Ruby will never be as fast as Java, but micro optimizations like the OP will not hold back the inevitable progress of ruby vms.

bad_user · on Aug 23, 2010

     You compare a many thousand man years VM (HotSpot JVM) 
     to one that has been largely written by one person in 
     isolation ( Ruby 1.8 series ).

LuaJIT was also written by "one person in isolation" and yet it beats Java in some benchmarks.

There are techniques first researched in the Smalltalk/Self implementations that have been known for at least 20 years (roughly the same time Ruby was born) that could've been used in Ruby 1.9.

     Ruby 1.9 has 90% of the features you mention above and 
     RBX will soon remove the GIL on top of it.

You're talking as if there's a list of checkboxes that just needs to be checked.

It doesn't work that way.

One reason the GIL is here to stay is because of the many libraries written in C that depend on it.

Another reason would be performance degradation on single threaded programs ... removing the GIL on the whole needs major architectural changes ... just putting fine-grained locks on all mutable data structures won't cut it.

And yet another would be the garbage collector which also needs to be optimized for true multi-threading, otherwise it becomes a bottleneck. So add this on your list ... Ruby also needs a top-notch generational garbage-collector.

     Async IO is arguably further along in Ruby then in Java

You are probably kidding.

xal · on Aug 23, 2010

It's odd to point to C extensions when talking about the need for a GIL.

The solution seems obvious. Wrap them in a mutex by default and introducing an optional API call to remove the lock.

This way the important libraries will be fixed up gradually by the community and after a bit of time you won't have any C ext's left that will make use of the mutex and therefore the GIL will be gone.

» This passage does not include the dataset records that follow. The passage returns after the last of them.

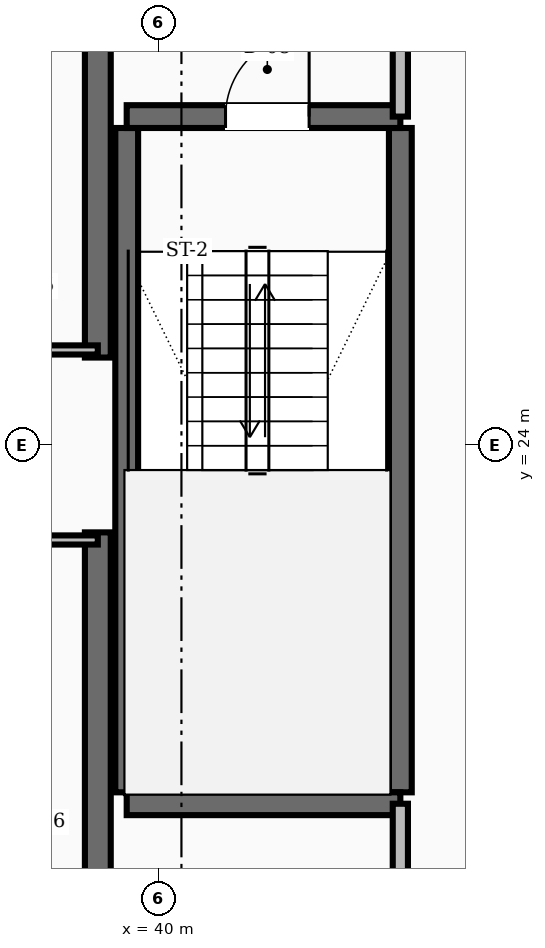
"""IFC4 building model, lengths in metres.
Left out: names, types, materials, properties, quantities, classifications, styles, units other than length and angle.
Written with IfcOpenShell. Run it as: python <this file> out.ifc"""

import sys

from ifc_helpers import new_model, si_unit, direction, frame, frame_2d, origin, place, context, subcontext, project, spatial, rectangle, extrude, element, fill, save


model = new_model("IFC4")
c1 = context("Model", 3, precision=1e-05, world=origin(), true_north=direction((0.0, 1.0)))
c2 = subcontext(c1, "Body", "Model", "MODEL_VIEW")
j1 = project(units=[si_unit("LENGTHUNIT", "METRE"), si_unit("PLANEANGLEUNIT", "RADIAN")], contexts=[c1])
p1 = place(None, origin())
s1 = spatial("IfcSite", under=j1, at=p1, CompositionType="ELEMENT")
p2 = place(p1, origin())
s2 = spatial("IfcBuilding", under=s1, at=p2, CompositionType="ELEMENT")
p3 = place(p2, frame((0.0, 0.0, 185.6)))
s3 = spatial("IfcBuildingStorey", under=s2, at=p3, CompositionType="ELEMENT", Elevation=185.6)
for number, where, z_axis, x_axis in (
    (1, (39.2, 16.55, 0.0), (0.0, 0.0, 1.0), (0.0, 1.0, 0.0)),
    (2, (39.2, 25.15, 0.0), (0.0, 0.0, 1.0), (0.0, 1.0, 0.0)),
):
    element("IfcWall", number, at=place(p3, frame(where, z_axis=z_axis, x_axis=x_axis)), inside=s3, PredefinedType="SHEAR", context=c2, shape_type="SweptSolid", body=[
        extrude(rectangle(XDim=6.3, YDim=0.34, at=frame_2d((3.15, 0.0))), origin(), (0.0, 0.0, 1.0), 3.6),
    ])
for number, where, z_axis, x_axis in (
    (3, (43.18, 19.43, 0.0), (0.0, 0.0, 1.0), (0.0, 1.0, 0.0)),
    (4, (39.58, 19.43, 0.0), (0.0, 0.0, 1.0), (0.0, 1.0, 0.0)),
):
    element("IfcWall", number, at=place(p3, frame(where, z_axis=z_axis, x_axis=x_axis)), inside=s3, PredefinedType="SHEAR", context=c2, shape_type="SweptSolid", body=[
        extrude(rectangle(XDim=8.74, YDim=0.3, at=frame_2d((4.37, 0.0))), origin(), (0.0, 0.0, 1.0), 3.6),
    ])
p4 = place(p3, frame((39.58, 19.28, 0.0), z_axis=(0.0, 0.0, 1.0), x_axis=(1.0, 0.0, 0.0)))
e5 = element("IfcWall", 5, at=p4, inside=s3, PredefinedType="SHEAR", context=c2, shape_type="SweptSolid", body=[
    extrude(rectangle(XDim=3.6, YDim=0.3, at=frame_2d((1.8, 0.0))), origin(), (0.0, 0.0, 1.0), 3.6),
])
p5 = place(p3, frame((39.58, 28.32, 0.0), z_axis=(0.0, 0.0, 1.0), x_axis=(1.0, 0.0, 0.0)))
e6 = element("IfcWall", 6, at=p5, inside=s3, PredefinedType="SHEAR", context=c2, shape_type="SweptSolid", body=[
    extrude(rectangle(XDim=3.6, YDim=0.3, at=frame_2d((1.8, 0.0))), origin(), (0.0, 0.0, 1.0), 3.6),
])
p6 = place(p5, frame((1.3, 0.0, 0.0)))
e7 = element("IfcOpeningElement", 7, at=p6, cuts=e6, PredefinedType="OPENING", context=c2, shape_type="SweptSolid", body=[
    extrude(rectangle(XDim=1.1, YDim=2.1, at=frame_2d((0.55, 1.05))), frame((0.0, 0.16, 0.0), z_axis=(0.0, -1.0, 0.0), x_axis=(1.0, 0.0, 0.0)), (0.0, 0.0, 1.0), 0.32),
])
p7 = place(p3, frame((43.18, 28.32, 0.0), z_axis=(0.0, 0.0, 1.0), x_axis=(0.0, 1.0, 0.0)))
e8 = element("IfcWall", 8, at=p7, inside=s3, PredefinedType="SOLIDWALL", context=c2, shape_type="SweptSolid", body=[
    extrude(rectangle(XDim=3.13, YDim=0.2, at=frame_2d((1.565, 0.0))), origin(), (0.0, 0.0, 1.0), 2.8),
])
p8 = place(p7, frame((1.015, 0.0, 0.0)))
e9 = element("IfcOpeningElement", 9, at=p8, cuts=e8, PredefinedType="OPENING", context=c2, shape_type="SweptSolid", body=[
    extrude(rectangle(XDim=1.1, YDim=2.1, at=frame_2d((0.55, 1.05))), frame((0.0, 0.11, 0.0), z_axis=(0.0, -1.0, 0.0), x_axis=(1.0, 0.0, 0.0)), (0.0, 0.0, 1.0), 0.22),
])
p9 = place(p3, frame((43.18, 16.55, 0.0), z_axis=(0.0, 0.0, 1.0), x_axis=(0.0, 1.0, 0.0)))
e10 = element("IfcWall", 10, at=p9, inside=s3, PredefinedType="SOLIDWALL", context=c2, shape_type="SweptSolid", body=[
    extrude(rectangle(XDim=2.73, YDim=0.2, at=frame_2d((1.365, 0.0))), origin(), (0.0, 0.0, 1.0), 2.8),
])
p10 = place(p9, frame((0.89, 0.0, 0.0)))
e11 = element("IfcOpeningElement", 11, at=p10, cuts=e10, PredefinedType="OPENING", context=c2, shape_type="SweptSolid", body=[
    extrude(rectangle(XDim=0.95, YDim=2.1, at=frame_2d((0.475, 1.05))), frame((0.0, 0.11, 0.0), z_axis=(0.0, -1.0, 0.0), x_axis=(1.0, 0.0, 0.0)), (0.0, 0.0, 1.0), 0.22),
])
for number, where, z_axis, x_axis in (
    (12, (37.4, 25.25, 0.0), (0.0, 0.0, 1.0), (1.0, 0.0, 0.0)),
    (13, (37.4, 22.75, 0.0), (0.0, 0.0, 1.0), (1.0, 0.0, 0.0)),
):
    element("IfcWall", number, at=place(p3, frame(where, z_axis=z_axis, x_axis=x_axis)), inside=s3, PredefinedType="PARTITIONING", context=c2, shape_type="SweptSolid", body=[
        extrude(rectangle(XDim=1.8, YDim=0.12, at=frame_2d((0.9, 0.0))), origin(), (0.0, 0.0, 1.0), 2.8),
    ])
p11 = place(p6, origin())
e14 = element("IfcDoor", 14, at=p11, inside=s3, OperationType="SINGLE_SWING_RIGHT", PredefinedType="DOOR", context=c2, shape_type="SweptSolid", body=[
    extrude(rectangle(XDim=1.1, YDim=2.1, at=frame_2d((0.55, 1.05))), frame((0.0, 0.025, 0.0), z_axis=(0.0, -1.0, 0.0), x_axis=(1.0, 0.0, 0.0)), (0.0, 0.0, 1.0), 0.05),
])
fill(e7, e14)
save(model, sys.argv[1])

That's the approach that rubinius is set to take.

lg · on Aug 23, 2010

rbx will use the immix collector

rue · on Aug 23, 2010

Uses.

andreaja · on Aug 23, 2010

Yes, but it's not turtles all the way down.

Useful libraries written in other languages (C in this case) can benefit the platform (Ruby). The most common case for this is for speed benefits, but there are other possible goals as well.

To paraphrase the JRuby team "We write Java so you don't have to".

lamnk · on Aug 23, 2010

What's the point of self hosted interpreters like PyPY or Rubinius then ? Shouldn't Ruby core team write MRI all in C to make Ruby faster ?

steveklabnik · on Aug 23, 2010

I can't speak for PyPy, but Rubinius isn't a project of ruby-core... and MRI is written in all C. And MRI isn't the latest version of Ruby, YARV is. (MRI -> 1.8, YARV -> 1.9)

Finally, Rubinius is architected totally differently than YARV. Rubinius uses a JIT, YARV is just an interpreter.

gaius · on Aug 23, 2010

Because you can prototype more easily, then implement what you're happy with in C.

It's funny, for some language communities (i.e. Java) being "self-hosted" is a big deal. I can't speak for Ruby but in the Python world, we simply don't consider it a major issue.

sigzero · on Aug 23, 2010

Sort of. I have no problem with core stuff being "C" because I am not using "C" to use that library, I am using the HLL to do what I would normally do. Python does this as well (probably Perl and Tcl too).

2mt_stephan · on Aug 23, 2010

Which is excellent if your primary use case is dealing with millions of date operations.